System properties may be provided using the ProvideSystemProperty rule as shown in the following example:

package com.hascode.tutorial;

import static org.hamcrest.Matchers.is;
import static org.junit.Assert.assertThat;

import org.junit.FixMethodOrder;
import org.junit.Rule;
import org.junit.Test;
import org.junit.contrib.java.lang.system.ProvideSystemProperty;
import org.junit.runners.MethodSorters;

@FixMethodOrder(MethodSorters.NAME_ASCENDING)
public class ProvidingSystemPropertiesTest {
    @Rule
    public final ProvideSystemProperty provideProperty = new ProvideSystemProperty("xxx", "yyy");

    @Test
    public void _1_shouldProvideProperty() throws Exception {
        assertThat(System.getProperty("xxx"), is("yyy"));
        System.setProperty("xxx", "zzz");
        assertThat(System.getProperty("xxx"), is("zzz"));
    }

    @Test
    public void _2_shouldHaveResettedProperty() throws Exception {
        assertThat(System.getProperty("xxx"), is("yyy"));
    }
}

Clearing / Resetting System Properties

System properties may be resetted after each test run using the ClearSystemProperties rule.
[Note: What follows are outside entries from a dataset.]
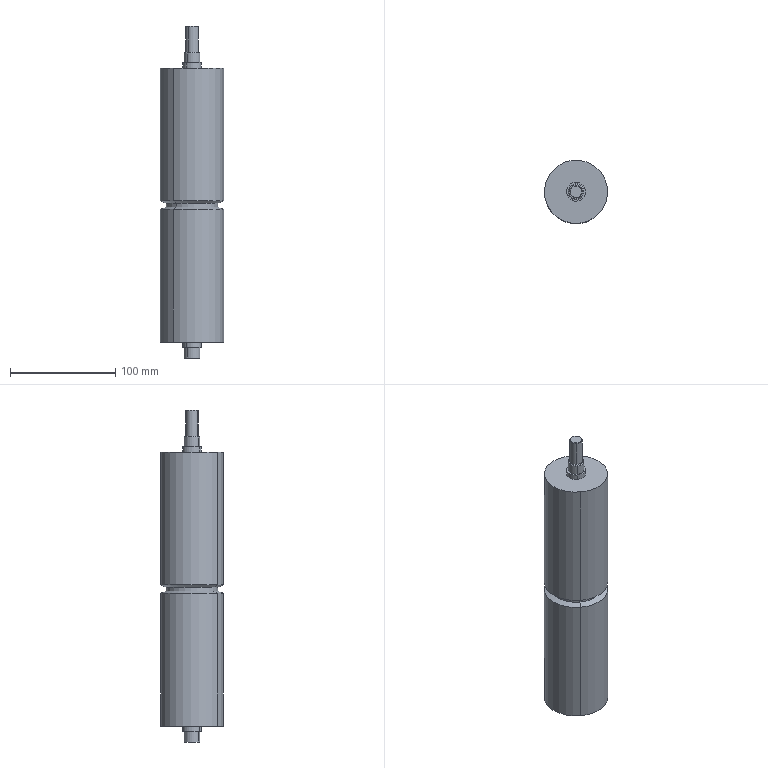Component | SolidWorks | LD101-02--Q1024-Q1-2-1 | 1 solid | 31 faces | box 60 x 60 x 315 mm | volume 738446 mm3 | cylinder 16 | cone 8 | plane 7 | commonest cylinder face diameters 60 x4 18 x4 15 x4 49 x2 12 x2 | material 45
build123d program:
from build123d import *

# Parameters (mm, degrees)
SKETCH1_R           = 30
SKETCH1_R_2         = 25
EXTRUDE_THIN1_DEPTH = 130
BOSS_EXTRUDE1_START = -260
SKETCH2_R           = 25
BOSS_EXTRUDE1_DEPTH = 260
SKETCH3_R           = 9
BOSS_EXTRUDE2_DEPTH = 5
SKETCH5_R           = 7.5
BOSS_EXTRUDE4_DEPTH = 10
BOSS_EXTRUDE5_START = 10
SKETCH6_R           = 7.5
BOSS_EXTRUDE5_DEPTH = 10
CHAMFER4_SIZE       = 0.6
SKETCH7_R           = 6
BOSS_EXTRUDE6_DEPTH = 25
CHAMFER3_SIZE       = 0.6


with BuildPart() as part:
    # Sketch1 → Extrude-Thin1 (new, symmetric)
    with BuildSketch(Plane.XY):
        Circle(SKETCH1_R)
        Circle(SKETCH1_R_2, mode=Mode.SUBTRACT)
    extrude(amount=EXTRUDE_THIN1_DEPTH, both=True)

    # Sketch2 → Boss-Extrude1 (add)
    with BuildSketch(Plane.XY.offset(130).offset(BOSS_EXTRUDE1_START)):
        Circle(SKETCH2_R)
    extrude(amount=BOSS_EXTRUDE1_DEPTH)

    # Sketch3 → Boss-Extrude2 (add)
    with BuildSketch(Plane.XY.offset(130)):
        Circle(SKETCH3_R)
    extrude(amount=BOSS_EXTRUDE2_DEPTH)

    # Mirror2: part across plane


with BuildPart() as part_1:
    add(part.part)
    add(part.part.mirror(Plane.XY))

    # Sketch5 → Boss-Extrude4 (add)
    with BuildSketch(Plane.XY.offset(135)):
        Circle(SKETCH5_R)
    extrude(amount=BOSS_EXTRUDE4_DEPTH)

    # Sketch6 → Boss-Extrude5 (add)
    with BuildSketch(Plane(origin=(0, 0, -135), x_dir=(-1, 0, 0), z_dir=(0, 0, -1)).offset(BOSS_EXTRUDE5_START)):
        with Locations(Location((0, 0, 0), (0, 0, 180))):
            Circle(SKETCH6_R)
    extrude(amount=-BOSS_EXTRUDE5_DEPTH)

    # Chamfer4
    chamfer4_edges = [part_1.edges().sort_by_distance(p)[0] for p in [
        (-7.5, 0, 145),
    ]]
    chamfer(chamfer4_edges, length=CHAMFER4_SIZE)

    # Sketch7 → Boss-Extrude6 (add)
    with BuildSketch(Plane(origin=(0, 0, 145), x_dir=(-1, 0, 0), z_dir=(0, 0, -1))):
        Circle(SKETCH7_R)
    extrude(amount=-BOSS_EXTRUDE6_DEPTH)

    # Chamfer3
    chamfer3_edges = [part_1.edges().sort_by_distance(p)[0] for p in [
        (6, 0, 170),
    ]]
    chamfer(chamfer3_edges, length=CHAMFER3_SIZE)

    # Sketch8 → Cut-Revolve1 (revolve, cut)
    with BuildSketch(Plane(origin=(0, 0, 0), x_dir=(1, 0, 0), z_dir=(0, 1, 0)), mode=Mode.PRIVATE) as cut_revolve1_sk:
        Polygon((-30, 4), (-30, -4), (-30, -4.025), (-24.5, -1.825), (-24.5, 1.825), (-30, 4.025), align=None)
    revolve(cut_revolve1_sk.sketch.rotate(Axis((0, 0, 130), (0, 0, -1)), 180), axis=Axis((0, 0, 130), (0, 0, -1)), mode=Mode.SUBTRACT)


solid = part_1.part

# Placed as in the assembly
solid = solid.moved(Location((371.71, -181.897, 146.257), (0, 0, 0)))
STEP:
#1=COLOUR_RGB('',0.7922,0.8196,0.9333);
#2=FILL_AREA_STYLE_COLOUR('',#1);
#3=FILL_AREA_STYLE('',(#2));
#4=SURFACE_STYLE_FILL_AREA(#3);
#5=SURFACE_SIDE_STYLE('',(#4));
#6=SURFACE_STYLE_USAGE(.BOTH.,#5);
#7=PRESENTATION_STYLE_ASSIGNMENT((#6));
#8=CARTESIAN_POINT('',(13.933,-8.112,5.6));
#9=VERTEX_POINT('',#8);
#10=CARTESIAN_POINT('',(15.336,-6.211,5.6));
#11=VERTEX_POINT('',#10);
#12=CARTESIAN_POINT('',(14.634,-7.161,5.6));
#13=DIRECTION('',(-0.,-0.,1.));
#14=DIRECTION('',(-0.5939,-0.8045,0.));
#15=AXIS2_PLACEMENT_3D('',#12,#13,#14);
#16=CIRCLE('',#15,1.181);
#17=EDGE_CURVE('',#9,#11,#16,.T.);
#18=ORIENTED_EDGE('',*,*,#17,.F.);
#19=CARTESIAN_POINT('',(13.933,-8.112,0.64));
#20=VERTEX_POINT('',#19);
#21=CARTESIAN_POINT('',(13.933,-8.112,10.876));
#22=DIRECTION('',(0.,0.,-1.));
#23=VECTOR('',#22,39.37);
#24=LINE('',#21,#23);
#25=EDGE_CURVE('',#9,#20,#24,.T.);
#26=ORIENTED_EDGE('',*,*,#25,.T.);
#27=CARTESIAN_POINT('',(15.336,-6.211,0.64));
#28=VERTEX_POINT('',#27);
#29=CARTESIAN_POINT('',(14.634,-7.161,0.64));
#30=DIRECTION('',(0.,0.,1.));
#31=DIRECTION('',(-0.5939,-0.8045,0.));
#32=AXIS2_PLACEMENT_3D('',#29,#30,#31);
#33=CIRCLE('',#32,1.181);
#34=EDGE_CURVE('',#20,#28,#33,.T.);
#35=ORIENTED_EDGE('',*,*,#34,.T.);
#36=CARTESIAN_POINT('',(15.336,-6.211,10.876));
#37=DIRECTION('',(0.,0.,-1.));
#38=VECTOR('',#37,39.37);
#39=LINE('',#36,#38);
#40=EDGE_CURVE('',#11,#28,#39,.T.);
#41=ORIENTED_EDGE('',*,*,#40,.F.);
#42=EDGE_LOOP('',(#18,#26,#35,#41));
#43=FACE_OUTER_BOUND('',#42,.T.);
#44=CARTESIAN_POINT('',(14.634,-7.161,10.876));
#45=DIRECTION('',(0.,0.,-1.));
#46=DIRECTION('',(0.5939,0.8045,0.));
#47=AXIS2_PLACEMENT_3D('',#44,#45,#46);
#48=CYLINDRICAL_SURFACE('',#47,1.181);
#49=ADVANCED_FACE('',(#43),#48,.T.);
#50=CARTESIAN_POINT('',(14.845,-6.876,0.4432));
#51=VERTEX_POINT('',#50);
#52=CARTESIAN_POINT('',(14.424,-7.446,0.4432));
#53=VERTEX_POINT('',#52);
#54=CARTESIAN_POINT('',(14.634,-7.161,0.4432));
#55=DIRECTION('',(0.,0.,1.));
#56=DIRECTION('',(-0.5939,-0.8045,0.));
#57=AXIS2_PLACEMENT_3D('',#54,#55,#56);
#58=CIRCLE('',#57,0.3543);
#59=EDGE_CURVE('',#51,#53,#58,.T.);
#60=ORIENTED_EDGE('',*,*,#59,.T.);
#61=CARTESIAN_POINT('',(14.424,-7.446,0.64));
#62=VERTEX_POINT('',#61);
#63=CARTESIAN_POINT('',(14.424,-7.446,0.4432));
#64=DIRECTION('',(0.,0.,1.));
#65=VECTOR('',#64,39.37);
#66=LINE('',#63,#65);
#67=EDGE_CURVE('',#53,#62,#66,.T.);
#68=ORIENTED_EDGE('',*,*,#67,.T.);
#69=CARTESIAN_POINT('',(14.845,-6.876,0.64));
#70=VERTEX_POINT('',#69);
#71=CARTESIAN_POINT('',(14.634,-7.161,0.64));
#72=DIRECTION('',(0.,0.,-1.));
#73=DIRECTION('',(-0.5939,-0.8045,0.));
#74=AXIS2_PLACEMENT_3D('',#71,#72,#73);
#75=CIRCLE('',#74,0.3543);
#76=EDGE_CURVE('',#62,#70,#75,.T.);
#77=ORIENTED_EDGE('',*,*,#76,.T.);
#78=CARTESIAN_POINT('',(14.845,-6.876,0.4432));
#79=DIRECTION('',(0.,0.,1.));
#80=VECTOR('',#79,39.37);
#81=LINE('',#78,#80);
#82=EDGE_CURVE('',#51,#70,#81,.T.);
#83=ORIENTED_EDGE('',*,*,#82,.F.);
#84=EDGE_LOOP('',(#60,#68,#77,#83));
#85=FACE_OUTER_BOUND('',#84,.T.);
#86=CARTESIAN_POINT('',(14.634,-7.161,0.4432));
#87=DIRECTION('',(0.,0.,1.));
#88=DIRECTION('',(0.5939,0.8045,0.));
#89=AXIS2_PLACEMENT_3D('',#86,#87,#88);
#90=CYLINDRICAL_SURFACE('',#89,0.3543);
#91=ADVANCED_FACE('',(#85),#90,.T.);
#92=CARTESIAN_POINT('',(14.81,-6.924,0.04947));
#93=VERTEX_POINT('',#92);
#94=CARTESIAN_POINT('',(14.459,-7.399,0.04947));
#95=VERTEX_POINT('',#94);
#96=CARTESIAN_POINT('',(14.634,-7.161,0.04947));
#97=DIRECTION('',(0.,0.,-1.));
#98=DIRECTION('',(0.5939,0.8045,0.));
#99=AXIS2_PLACEMENT_3D('',#96,#97,#98);
#100=CIRCLE('',#99,0.2953);
#101=EDGE_CURVE('',#93,#95,#100,.T.);
#102=ORIENTED_EDGE('',*,*,#101,.F.);
#103=CARTESIAN_POINT('',(14.81,-6.924,0.4432));
#104=VERTEX_POINT('',#103);
#105=CARTESIAN_POINT('',(14.81,-6.924,0.04947));
#106=DIRECTION('',(0.,0.,1.));
#107=VECTOR('',#106,39.37);
#108=LINE('',#105,#107);
#109=EDGE_CURVE('',#93,#104,#108,.T.);
#110=ORIENTED_EDGE('',*,*,#109,.T.);
#111=CARTESIAN_POINT('',(14.459,-7.399,0.4432));
#112=VERTEX_POINT('',#111);
#113=CARTESIAN_POINT('',(14.634,-7.161,0.4432));
#114=DIRECTION('',(0.,0.,-1.));
#115=DIRECTION('',(0.5939,0.8045,0.));
#116=AXIS2_PLACEMENT_3D('',#113,#114,#115);
#117=CIRCLE('',#116,0.2953);
#118=EDGE_CURVE('',#104,#112,#117,.T.);
#119=ORIENTED_EDGE('',*,*,#118,.T.);
#120=CARTESIAN_POINT('',(14.459,-7.399,0.04947));
#121=DIRECTION('',(0.,0.,1.));
#122=VECTOR('',#121,39.37);
#123=LINE('',#120,#122);
#124=EDGE_CURVE('',#95,#112,#123,.T.);
#125=ORIENTED_EDGE('',*,*,#124,.F.);
#126=EDGE_LOOP('',(#102,#110,#119,#125));
#127=FACE_OUTER_BOUND('',#126,.T.);
#128=CARTESIAN_POINT('',(14.634,-7.161,0.04947));
#129=DIRECTION('',(0.,0.,1.));
#130=DIRECTION('',(-0.5939,-0.8045,0.));
#131=AXIS2_PLACEMENT_3D('',#128,#129,#130);
#132=CYLINDRICAL_SURFACE('',#131,0.2953);
#133=ADVANCED_FACE('',(#127),#132,.T.);
#134=CARTESIAN_POINT('',(14.061,-7.937,5.83));
#135=VERTEX_POINT('',#134);
#136=CARTESIAN_POINT('',(15.207,-6.385,5.83));
#137=VERTEX_POINT('',#136);
#138=CARTESIAN_POINT('',(14.634,-7.161,5.83));
#139=DIRECTION('',(-0.,-0.,1.));
#140=DIRECTION('',(-0.5939,-0.8045,0.));
#141=AXIS2_PLACEMENT_3D('',#138,#139,#140);
#142=CIRCLE('',#141,0.9646);
#143=EDGE_CURVE('',#135,#137,#142,.T.);
#144=ORIENTED_EDGE('',*,*,#143,.T.);
#145=CARTESIAN_POINT('',(15.336,-6.211,5.917));
#146=VERTEX_POINT('',#145);
#147=CARTESIAN_POINT('',(15.336,-6.211,5.917));
#148=DIRECTION('',(0.5514,0.747,0.3714));
#149=VECTOR('',#148,39.37);
#150=LINE('',#147,#149);
#151=EDGE_CURVE('',#137,#146,#150,.T.);
#152=ORIENTED_EDGE('',*,*,#151,.T.);
#153=CARTESIAN_POINT('',(13.933,-8.112,5.917));
#154=VERTEX_POINT('',#153);
#155=CARTESIAN_POINT('',(14.634,-7.161,5.917));
#156=DIRECTION('',(-0.,-0.,1.));
#157=DIRECTION('',(-0.5939,-0.8045,0.));
#158=AXIS2_PLACEMENT_3D('',#155,#156,#157);
#159=CIRCLE('',#158,1.181);
#160=EDGE_CURVE('',#154,#146,#159,.T.);
#161=ORIENTED_EDGE('',*,*,#160,.F.);
#162=CARTESIAN_POINT('',(13.933,-8.112,5.917));
#163=DIRECTION('',(-0.5514,-0.747,0.3714));
#164=VECTOR('',#163,39.37);
#165=LINE('',#162,#164);
#166=EDGE_CURVE('',#135,#154,#165,.T.);
#167=ORIENTED_EDGE('',*,*,#166,.F.);
#168=EDGE_LOOP('',(#144,#152,#161,#167));
#169=FACE_OUTER_BOUND('',#168,.T.);
#170=CARTESIAN_POINT('',(14.634,-7.161,5.917));
#171=DIRECTION('',(-0.,-0.,1.));
#172=DIRECTION('',(-0.5939,-0.8045,0.));
#173=AXIS2_PLACEMENT_3D('',#170,#171,#172);
#174=CONICAL_SURFACE('',#173,1.181,1.19);
#175=ADVANCED_FACE('',(#169),#174,.T.);
#176=CARTESIAN_POINT('',(14.061,-7.937,5.686));
#177=VERTEX_POINT('',#176);
#178=CARTESIAN_POINT('',(15.207,-6.385,5.686));
#179=VERTEX_POINT('',#178);
#180=CARTESIAN_POINT('',(14.634,-7.161,5.686));
#181=DIRECTION('',(-0.,-0.,1.));
#182=DIRECTION('',(-0.5939,-0.8045,0.));
#183=AXIS2_PLACEMENT_3D('',#180,#181,#182);
#184=CIRCLE('',#183,0.9646);
#185=EDGE_CURVE('',#177,#179,#184,.T.);
#186=ORIENTED_EDGE('',*,*,#185,.T.);
#187=CARTESIAN_POINT('',(15.207,-6.385,10.876));
#188=DIRECTION('',(-0.,-0.,1.));
#189=VECTOR('',#188,39.37);
#190=LINE('',#187,#189);
#191=EDGE_CURVE('',#179,#137,#190,.T.);
#192=ORIENTED_EDGE('',*,*,#191,.T.);
#193=ORIENTED_EDGE('',*,*,#143,.F.);
#194=CARTESIAN_POINT('',(14.061,-7.937,10.876));
#195=DIRECTION('',(-0.,-0.,1.));
#196=VECTOR('',#195,39.37);
#197=LINE('',#194,#196);
#198=EDGE_CURVE('',#177,#135,#197,.T.);
#199=ORIENTED_EDGE('',*,*,#198,.F.);
#200=EDGE_LOOP('',(#186,#192,#193,#199));
#201=FACE_OUTER_BOUND('',#200,.T.);
#202=CARTESIAN_POINT('',(14.634,-7.161,10.876));
#203=DIRECTION('',(-0.,-0.,1.));
#204=DIRECTION('',(-0.5939,-0.8045,0.));
#205=AXIS2_PLACEMENT_3D('',#202,#203,#204);
#206=CYLINDRICAL_SURFACE('',#205,0.9646);
#207=ADVANCED_FACE('',(#201),#206,.T.);
#208=ORIENTED_EDGE('',*,*,#185,.F.);
#209=CARTESIAN_POINT('',(14.061,-7.937,5.686));
#210=DIRECTION('',(-0.5514,-0.747,-0.3714));
#211=VECTOR('',#210,39.37);
#212=LINE('',#209,#211);
#213=EDGE_CURVE('',#177,#9,#212,.T.);
#214=ORIENTED_EDGE('',*,*,#213,.T.);
#215=ORIENTED_EDGE('',*,*,#17,.T.);
#216=CARTESIAN_POINT('',(15.207,-6.385,5.686));
#217=DIRECTION('',(0.5514,0.747,-0.3714));
#218=VECTOR('',#217,39.37);
#219=LINE('',#216,#218);
#220=EDGE_CURVE('',#179,#11,#219,.T.);
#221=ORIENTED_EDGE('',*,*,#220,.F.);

package com.hascode.tutorial;

import static org.hamcrest.Matchers.is;
import static org.hamcrest.Matchers.notNullValue;
import static org.hamcrest.Matchers.nullValue;
import static org.junit.Assert.assertThat;

import org.junit.FixMethodOrder;
import org.junit.Rule;
import org.junit.Test;
import org.junit.contrib.java.lang.system.ClearSystemProperties;
import org.junit.runners.MethodSorters;

@FixMethodOrder(MethodSorters.NAME_ASCENDING)
public class ClearingSystemPropertiesTest {
    @Rule
    public final ClearSystemProperties xxxPropertyCleared = new ClearSystemProperties("xxx");

    @Test
    public void _1_shouldSetProperty() throws Exception {
        assertThat(System.getProperty("xxx"), is(nullValue()));
        System.setProperty("xxx", "yyy");
        assertThat(System.getProperty("xxx"), notNullValue());
    }

    @Test
    public void _2_shouldHaveClearedProperty() {
        assertThat(System.getProperty("xxx"), is(nullValue()));
    }

}

Fetching System.in and System.out

This is our class under test, printing to STDOUT and STDERR.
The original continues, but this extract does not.